# Find second, third matches in Excel lookup



## Chellevis (May 13, 2008)

This is an excerpt from my spreadsheet:

Ashland, KY	CCG	26
Ashland, KY	CHI	23
Ashland, KY	CAG	14
Ashland, KY	DCL	12
Ashland, KY	BAA	8
Ashland, KY	DAH	7
Ashland, KY	BPA	5
Ashland, KY	CCD	5

On a separate sheet, I have a list like this:

Ashland, KY
Claremore, OK
Corinth, MS
Cullman, AL
El Centro, CA
Enterprise, AL


On the second sheet, I want to write a series of lookup statements for each of the entries (i.e. Ashland, KY) that will return the first, second, etc matches for each entry.
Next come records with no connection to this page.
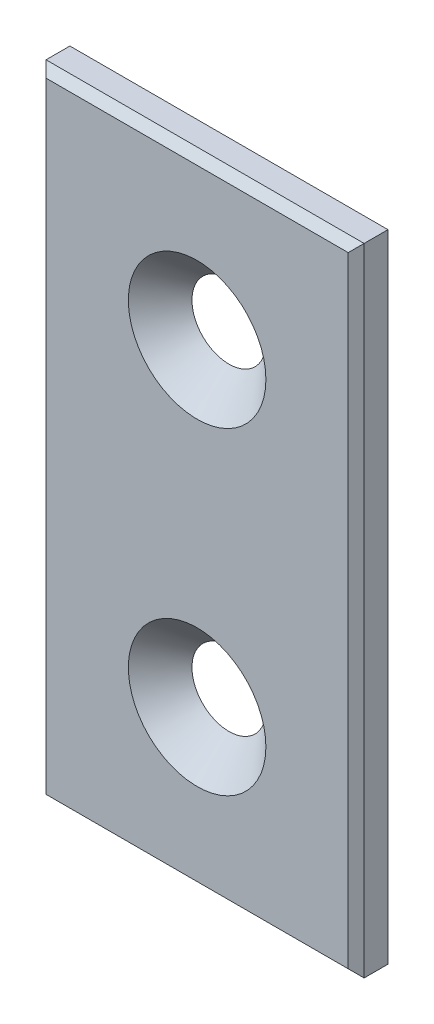
from build123d import *

# Parameters (mm, degrees)
SKETCH_1_W                = 40
SKETCH_1_H                = 80
EXTRUDE_1_DEPTH           = 2
HOLE_WIZARD_1_D           = 9
HOLE_WIZARD_1_DEPTH       = 10
HOLE_WIZARD_1_CSINK_D     = 17.3
HOLE_WIZARD_1_CSINK_ANGLE = 90
HOLE_WIZARD_1_TIP         = 2.703872786
CHAMFER_1_SIZE            = 1


with BuildPart() as part:
    # 草图1 → 凸台-拉伸1 (new, symmetric)
    with BuildSketch(Plane.XY):
        Rectangle(SKETCH_1_W, SKETCH_1_H)
    extrude(amount=EXTRUDE_1_DEPTH, both=True)

    # 打孔尺寸(%根据十字)槽沉头木螺钉的类型1
    with Locations(Plane(origin=(0, 20, 2), x_dir=(1, 0, 0), z_dir=(0, 0, 1))):
        with Locations((0, 0), (0, -40)):
            CounterSinkHole(HOLE_WIZARD_1_D / 2, HOLE_WIZARD_1_CSINK_D / 2, depth=HOLE_WIZARD_1_DEPTH, counter_sink_angle=HOLE_WIZARD_1_CSINK_ANGLE)
            with Locations((0, 0, -(HOLE_WIZARD_1_DEPTH + HOLE_WIZARD_1_TIP / 2))):  # 118° drill point
                Cone(0, HOLE_WIZARD_1_D / 2, HOLE_WIZARD_1_TIP, mode=Mode.SUBTRACT)

    # 倒角1
    chamfer_1_edges = [part.edges().sort_by_distance(p)[0] for p in [
        (-20, 0, 2),
        (0, -40, 2),
        (20, 0, 2),
        (0, 40, 2),
    ]]
    chamfer(chamfer_1_edges, length=CHAMFER_1_SIZE)


solid = part.part
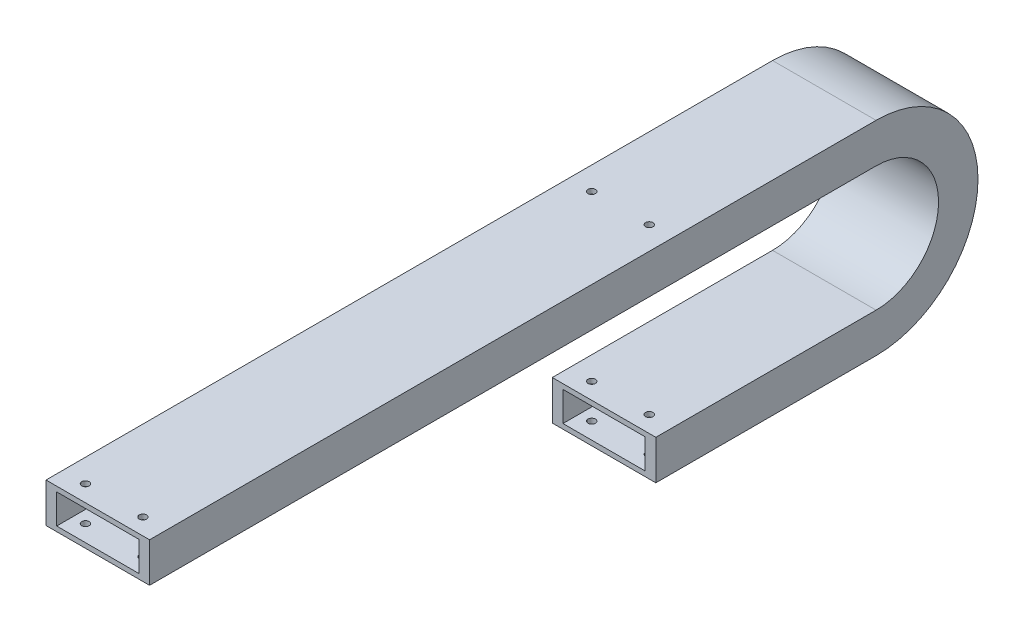
SolidWorks part; units mm, degrees
ref_plane "前视基准面" through (0, 0, 0) normal (0, 0, 1) x (1, 0, 0)
ref_plane "上视基准面" through (0, 0, 0) normal (0, 1, 0) x (1, 0, 0)
ref_plane "右视基准面" through (0, 0, 0) normal (1, 0, 0) x (0, 0, -1)
sketch "草图1" plane through (0, 0, 0) normal (0, 0, 1) x (1, 0, 0)
  line L1 (25, -9) -> (-25, -9)
  line L2 (25, -9) -> (25, 9)
  line L3 (25, 9) -> (-25, 9)
  line L4 (-25, -9) -> (-25, 9)
  line L5 (25, -9) -> (-25, 9) construction
  line L6 (25, 9) -> (-25, -9) construction
  line L7 (31.5, -12) -> (-31.5, -12)
  line L8 (31.5, -12) -> (31.5, 12)
  line L9 (31.5, 12) -> (-31.5, 12)
  line L10 (-31.5, -12) -> (-31.5, 12)
  line L11 (31.5, -12) -> (-31.5, 12) construction
  line L12 (31.5, 12) -> (-31.5, -12) construction
  point P0 (0, 0)
  point P6 (0, 0)
  dimension "D1" = 18
  dimension "D2" = 24
  dimension "D3" = 50
  dimension "D4" = 63
sketch "草图2" plane through (0, 0, 0) normal (1, 0, 0) x (0, 0, -1)
  line L0 (0, 0) -> (134, 0)
  line L1 (134, 100) -> (-308, 100)
  arc A0 (134, 0) -> (134, 100) centre (134, 50) ccw
  dimension "D3" = 50
  dimension "D1" = 134
  dimension "D2" = 442
sweep "扫描1" add profiles "草图1" path "草图2"
sketch "草图5" plane through (0, -12, 0) normal (0, -1, 0) x (1, 0, 0)
  line L0 (31.5, 308) -> (-31.5, 308) construction
  line L1 (-31.5, -134) -> (-31.5, 308) construction
  line L2 (-31.5, 0) -> (31.5, 0) construction
  circle A0 centre (-17.5, -10) radius 2.25
  circle A1 centre (17.5, -10) radius 2.25
  circle A2 centre (-17.5, 298) radius 2.25
  circle A3 centre (17.5, 298) radius 2.25
  dimension "D1" = 35
  dimension "D2" = 4.5
  dimension "D3" = 10
  dimension "D4" = 14
  dimension "D5" = 10
extrude "切除-拉伸3" cut sketch "草图5" against normal through all

So, when all is said and done, the results for Ashland, Ky would look like this:

Ashland, KY	CCG	CHI	CAG	DCL

I've tried INDEX and MATCH, but to no avail. If anyone can help me, I would much appreciate it!! If it matters, I am using Excel 2007. Thanks!!


----------



## Chellevis (May 13, 2008)

I figured it out! Thanks, in advance, for anyone looking to solve!


----------



## Glaswegian (Sep 16, 2005)

Hi and welcome.

Glad you solved it - and so quickly!

Would you like to post your solution, in order that others may benefit - just in case they have a similar problem.


----------



## Chellevis (May 13, 2008)

Here's the solution I used:

Function Nth_Occurrence(range_look As Range, LookFor As String, FoundIt As Long, offset_row As Long, offset_col As Long)


Dim Cnt As Long
Dim Result As Range

Set Result = range_look.Cells(1, 1)
For Cnt = 1 To FoundIt
Set Result = range_look.Find(LookFor, Result, xlValues, xlWhole)
Next Cnt
Nth_Occurrence = Result.Offset(offset_row, offset_col)

End Function


----------



## Glaswegian (Sep 16, 2005)

Nice Function - thanks for posting that.


----------